I'm also saying that boiling security down into a small number of simple scenarios is guaranteed to make you ignore most of the vulnerabilities.

[mike_smith2]

The only thing that can save Windows users, Mac users or Linux users from themselves is education. It's just like raising children: If you shelter them from every evil when they're young, they'll just fall twice as hard for it later in life. There is no foolproof system. Not even the US government can keep their enemies out of their computer systems, how do you think you can do it with arbitrary restrictions on what software can be privileged?

The reason Linux is so powerful is because it doesn't have a lot of arbitrary restrictions. Apple wants you to run only their approved software on their phones, which is why I no longer have an iPhone. I do not see an iPhone in my future at all, even though I have had two in the past, each the latest greatest biggest baddest model that was available at the time.

Apple has no right to control what software I want to use. Neither does Canonical. Or any government or whatever. I'm not doing anything even slightly illegal, so there should be no restriction.

*buntu is popular because it's easy to install, easy to use and pretty secure right out of the box, in that order. For systems I just want to work, that's what I use. Almost every one of them has some sort of non-free software. Generally speaking that non-free software is the reason for me to have the box.

Back to the arbitrary restrictions and root: You don't need root to look in your home directory for a file with numbers in it that might be credit cards. Or usernames and passwords and websites. Or files containing 'bank' or 'credit union'. You don't have to be root to email that file back to somebody.

Point taken I can totally see where your coming from in terms of using whatever software you desire.

The success of iPhone and iPad proves that there is a huge market of people that do want and need to be saved from themselves. If hundreds of millions of Windows users did decide to come to Linux, the restrictions I proposed would indeed save them from themselves and make there time on Linux much happier. Hypothetically anyway, to the same extent as it has for iOS anyway.

[mike_smith2]

the restrictions I proposed would indeed save them from themselves and make there time on Linux much happier. Hypothetically anyway, to the same extent as it has for iOS anyway.

That sounded a bit narcissistic, I realise this is all theoretical and would involve a huge amount of work. Far beyond anything I can do.

[1clue]

I really hate to disagree with EVERYTHING you say, but IMO the iPhone and iPad is hugely popular because it's stylish and easy to use, not because people need to be saved from themselves. It's extremely polished, extremely consistent and extremely intuitive. Apple's gestures and overall human interface are unbeatably better than Android. Apple is one of America's most successful companies, they have more free cash than the US government and their products are perceived to be visual art. People either love them or hate them.
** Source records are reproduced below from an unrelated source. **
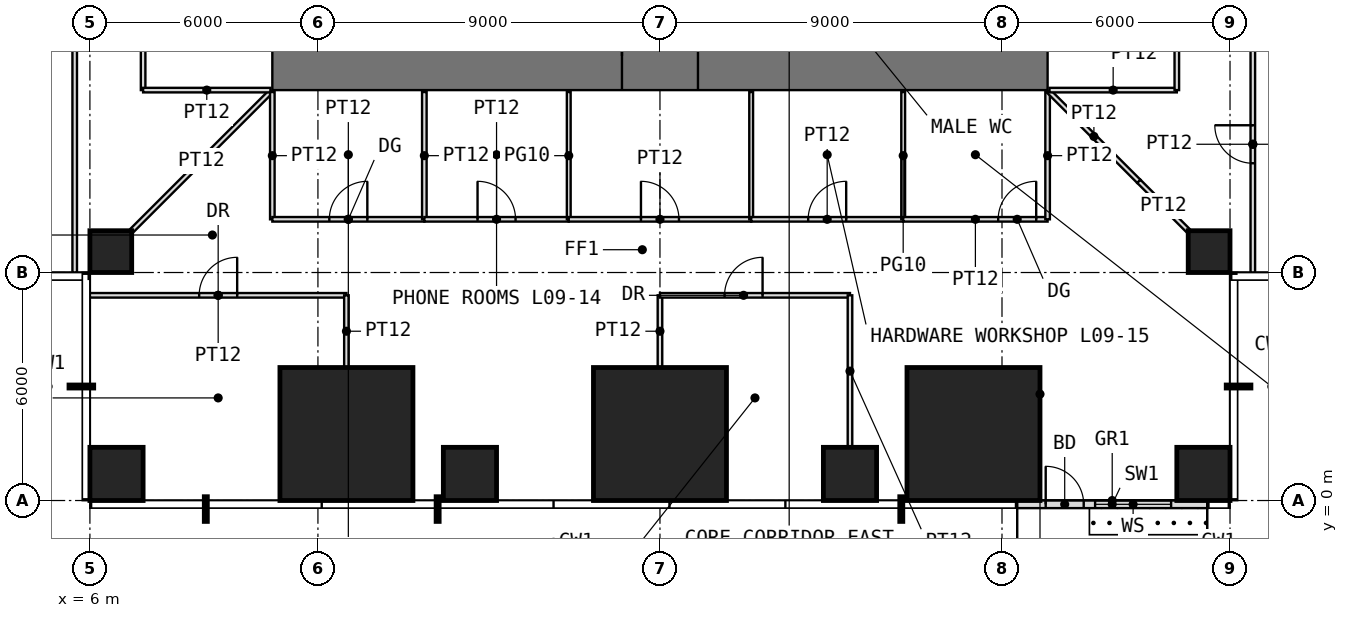
"""IFC4 building model, lengths in metres.
Left out: names, types, materials, properties, quantities, classifications, styles, units other than length and angle.
Written with IfcOpenShell. Run it as: python <this file> out.ifc"""

import sys

from ifc_helpers import new_model, si_unit, direction, frame, frame_2d, origin, origin_2d, place, context, subcontext, project, spatial, rectangle, extrude, element, fill, save


model = new_model("IFC4")
c1 = context("Model", 3, precision=1e-05, world=origin(), true_north=direction((0.0, 1.0)))
c2 = subcontext(c1, "Body", "Model", "MODEL_VIEW")
j1 = project(units=[si_unit("LENGTHUNIT", "METRE"), si_unit("PLANEANGLEUNIT", "RADIAN")], contexts=[c1])
p1 = place(None, origin())
s1 = spatial("IfcSite", under=j1, at=p1, CompositionType="ELEMENT")
p2 = place(p1, origin())
s2 = spatial("IfcBuilding", under=s1, at=p2, CompositionType="ELEMENT")
p3 = place(p2, frame((0.0, 0.0, 42.5)))
s3 = spatial("IfcBuildingStorey", under=s2, at=p3, CompositionType="ELEMENT", Elevation=42.5)
p4 = place(p3, frame((6.7, 0.7, 0.0), z_axis=(0.0, 0.0, 1.0), x_axis=(1.0, 0.0, 0.0)))
e1 = element("IfcColumn", 1, at=p4, inside=s3, PredefinedType="COLUMN", context=c2, shape_type="SweptSolid", body=[
    extrude(rectangle(XDim=1.4, YDim=1.4, at=origin_2d()), origin(), (0.0, 0.0, 1.0), 4.0),
])
p5 = place(p3, frame((12.75, 1.75, 0.0), z_axis=(0.0, 0.0, 1.0), x_axis=(1.0, 0.0, 0.0)))
e2 = element("IfcColumn", 2, at=p5, inside=s3, PredefinedType="COLUMN", context=c2, shape_type="SweptSolid", body=[
    extrude(rectangle(XDim=3.5, YDim=3.5, at=origin_2d()), origin(), (0.0, 0.0, 1.0), 4.0),
])
p6 = place(p3, frame((16.0, 0.7, 0.0), z_axis=(0.0, 0.0, 1.0), x_axis=(1.0, 0.0, 0.0)))
e3 = element("IfcColumn", 3, at=p6, inside=s3, PredefinedType="COLUMN", context=c2, shape_type="SweptSolid", body=[
    extrude(rectangle(XDim=1.4, YDim=1.4, at=origin_2d()), origin(), (0.0, 0.0, 1.0), 4.0),
])
p7 = place(p3, frame((21.0, 1.75, 0.0), z_axis=(0.0, 0.0, 1.0), x_axis=(1.0, 0.0, 0.0)))
e4 = element("IfcColumn", 4, at=p7, inside=s3, PredefinedType="COLUMN", context=c2, shape_type="SweptSolid", body=[
    extrude(rectangle(XDim=3.5, YDim=3.5, at=origin_2d()), origin(), (0.0, 0.0, 1.0), 4.0),
])
p8 = place(p3, frame((26.0, 0.7, 0.0), z_axis=(0.0, 0.0, 1.0), x_axis=(1.0, 0.0, 0.0)))
e5 = element("IfcColumn", 5, at=p8, inside=s3, PredefinedType="COLUMN", context=c2, shape_type="SweptSolid", body=[
    extrude(rectangle(XDim=1.4, YDim=1.4, at=origin_2d()), origin(), (0.0, 0.0, 1.0), 4.0),
])
p9 = place(p3, frame((29.25, 1.75, 0.0), z_axis=(0.0, 0.0, 1.0), x_axis=(1.0, 0.0, 0.0)))
e6 = element("IfcColumn", 6, at=p9, inside=s3, PredefinedType="COLUMN", context=c2, shape_type="SweptSolid", body=[
    extrude(rectangle(XDim=3.5, YDim=3.5, at=origin_2d()), origin(), (0.0, 0.0, 1.0), 4.0),
])
p10 = place(p3, frame((35.3, 0.7, 0.0), z_axis=(0.0, 0.0, 1.0), x_axis=(1.0, 0.0, 0.0)))
e7 = element("IfcColumn", 7, at=p10, inside=s3, PredefinedType="COLUMN", context=c2, shape_type="SweptSolid", body=[
    extrude(rectangle(XDim=1.4, YDim=1.4, at=origin_2d()), origin(), (0.0, 0.0, 1.0), 4.0),
])
for number, where, z_axis, x_axis in (
    (8, (6.55, 6.55, 0.0), (0.0, 0.0, 1.0), (1.0, 0.0, 0.0)),
    (9, (35.45, 6.55, 0.0), (0.0, 0.0, 1.0), (1.0, 0.0, 0.0)),
):
    element("IfcColumn", number, at=place(p3, frame(where, z_axis=z_axis, x_axis=x_axis)), inside=s3, PredefinedType="COLUMN", context=c2, shape_type="SweptSolid", body=[
        extrude(rectangle(XDim=1.1, YDim=1.1, at=origin_2d()), origin(), (0.0, 0.0, 1.0), 4.0),
    ])
p11 = place(p3, frame((30.4, -0.1, 0.0), z_axis=(0.0, 0.0, 1.0), x_axis=(1.0, 0.0, 0.0)))
e10 = element("IfcWall", 10, at=p11, inside=s3, PredefinedType="USERDEFINED", context=c2, shape_type="SweptSolid", body=[
    extrude(rectangle(XDim=5.0, YDim=0.2, at=frame_2d((2.5, 0.0))), origin(), (0.0, 0.0, 1.0), 3.75),
])
p12 = place(p11, frame((0.75, 0.0, 0.0)))
e11 = element("IfcOpeningElement", 11, at=p12, cuts=e10, PredefinedType="OPENING", context=c2, shape_type="SweptSolid", body=[
    extrude(rectangle(XDim=1.0, YDim=2.4, at=frame_2d((0.5, 1.2))), frame((0.0, 0.11, 0.0), z_axis=(0.0, -1.0, 0.0), x_axis=(1.0, 0.0, 0.0)), (0.0, 0.0, 1.0), 0.22),
])
p13 = place(p11, frame((2.05, 0.0, 0.3)))
e12 = element("IfcOpeningElement", 12, at=p13, cuts=e10, PredefinedType="OPENING", context=c2, shape_type="SweptSolid", body=[
    extrude(rectangle(XDim=2.0, YDim=2.7, at=frame_2d((1.0, 1.35))), frame((0.0, 0.11, 0.0), z_axis=(0.0, -1.0, 0.0), x_axis=(1.0, 0.0, 0.0)), (0.0, 0.0, 1.0), 0.22),
])
p14 = place(p3, frame((10.8, 11.7, -0.05), z_axis=(0.0, 0.0, 1.0), x_axis=(1.0, 0.0, 0.0)))
e13 = element("IfcWall", 13, at=p14, inside=s3, PredefinedType="SHEAR", context=c2, shape_type="SweptSolid", body=[
    extrude(rectangle(XDim=20.4, YDim=1.8, at=frame_2d((10.2, 0.0))), origin(), (0.0, 0.0, 1.0), 4.0),
])
p15 = place(p14, frame((9.2, 0.0, 0.05)))
e14 = element("IfcOpeningElement", 14, at=p15, cuts=e13, PredefinedType="OPENING", context=c2, shape_type="SweptSolid", body=[
    extrude(rectangle(XDim=2.0, YDim=2.2, at=frame_2d((1.0, 1.1))), frame((0.0, 0.91, 0.0), z_axis=(0.0, -1.0, 0.0), x_axis=(1.0, 0.0, 0.0)), (0.0, 0.0, 1.0), 1.82),
])
p16 = place(p3, frame((5.6, 6.0, 0.0), z_axis=(0.0, 0.0, 1.0), x_axis=(0.0, 1.0, 0.0)))
e15 = element("IfcWall", 15, at=p16, inside=s3, PredefinedType="PARTITIONING", context=c2, shape_type="SweptSolid", body=[
    extrude(rectangle(XDim=30.0, YDim=0.12, at=frame_2d((15.0, 0.0))), origin(), (0.0, 0.0, 1.0), 3.75),
])
p17 = place(p16, frame((14.5, 0.0, 0.0)))
e16 = element("IfcOpeningElement", 16, at=p17, cuts=e15, PredefinedType="OPENING", context=c2, shape_type="SweptSolid", body=[
    extrude(rectangle(XDim=1.0, YDim=2.4, at=frame_2d((0.5, 1.2))), frame((0.0, 0.07, 0.0), z_axis=(0.0, -1.0, 0.0), x_axis=(1.0, 0.0, 0.0)), (0.0, 0.0, 1.0), 0.14),
])
p18 = place(p3, frame((6.0, 5.4, 0.0), z_axis=(0.0, 0.0, 1.0), x_axis=(1.0, 0.0, 0.0)))
e17 = element("IfcWall", 17, at=p18, inside=s3, PredefinedType="PARTITIONING", context=c2, shape_type="SweptSolid", body=[
    extrude(rectangle(XDim=6.75, YDim=0.12, at=frame_2d((3.375, 0.0))), origin(), (0.0, 0.0, 1.0), 3.75),
])
p19 = place(p18, frame((2.875, 0.0, 0.0)))
e18 = element("IfcOpeningElement", 18, at=p19, cuts=e17, PredefinedType="OPENING", context=c2, shape_type="SweptSolid", body=[
    extrude(rectangle(XDim=1.0, YDim=2.2, at=frame_2d((0.5, 1.1))), frame((0.0, 0.07, 0.0), z_axis=(0.0, -1.0, 0.0), x_axis=(1.0, 0.0, 0.0)), (0.0, 0.0, 1.0), 0.14),
])
p20 = place(p3, frame((7.11, 7.11, 0.0), z_axis=(0.0, 0.0, 1.0), x_axis=(0.707106781187, 0.707106781187, 0.0)))
e19 = element("IfcWall", 19, at=p20, inside=s3, PredefinedType="PARTITIONING", context=c2, shape_type="SweptSolid", body=[
    extrude(rectangle(XDim=5.168, YDim=0.12, at=frame_2d((2.584, 0.0))), origin(), (0.0, 0.0, 1.0), 3.75),
])
p21 = place(p3, frame((7.4, 10.8, 0.0), z_axis=(0.0, 0.0, 1.0), x_axis=(0.0, 1.0, 0.0)))
e20 = element("IfcWall", 20, at=p21, inside=s3, PredefinedType="PARTITIONING", context=c2, shape_type="SweptSolid", body=[
    extrude(rectangle(XDim=4.8, YDim=0.12, at=frame_2d((2.4, 0.0))), origin(), (0.0, 0.0, 1.0), 3.75),
])
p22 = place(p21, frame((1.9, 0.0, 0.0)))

If it were not for one thing, I would probably still be an iPhone user and so would my wife. They try to limit my use of the phone to only software they approve. Game over. No rematch.

I've now gone through 2 Android phones, looking for the third. And of course that's twice, because my wife gets the new phones too. Software availability is much better, the feature count is higher and nerd factor is better too.

[mike_smith2]

Back to the arbitrary restrictions and root: You don't need root to look in your home directory for a file with numbers in it that might be credit cards. Or usernames and passwords and websites. Or files containing 'bank' or 'credit union'. You don't have to be root to email that file back to somebody.

True it would just mean that it can't damage system/application files. That's a big start though. I guess the next step would mean to not let any executables that haven't been signed and confirmed to be from the repository run at all. You can do it using software restriction/group policy rules using Windows Server. Is there a similar app for Linux? Are Ubuntu repository files "signed" in any way?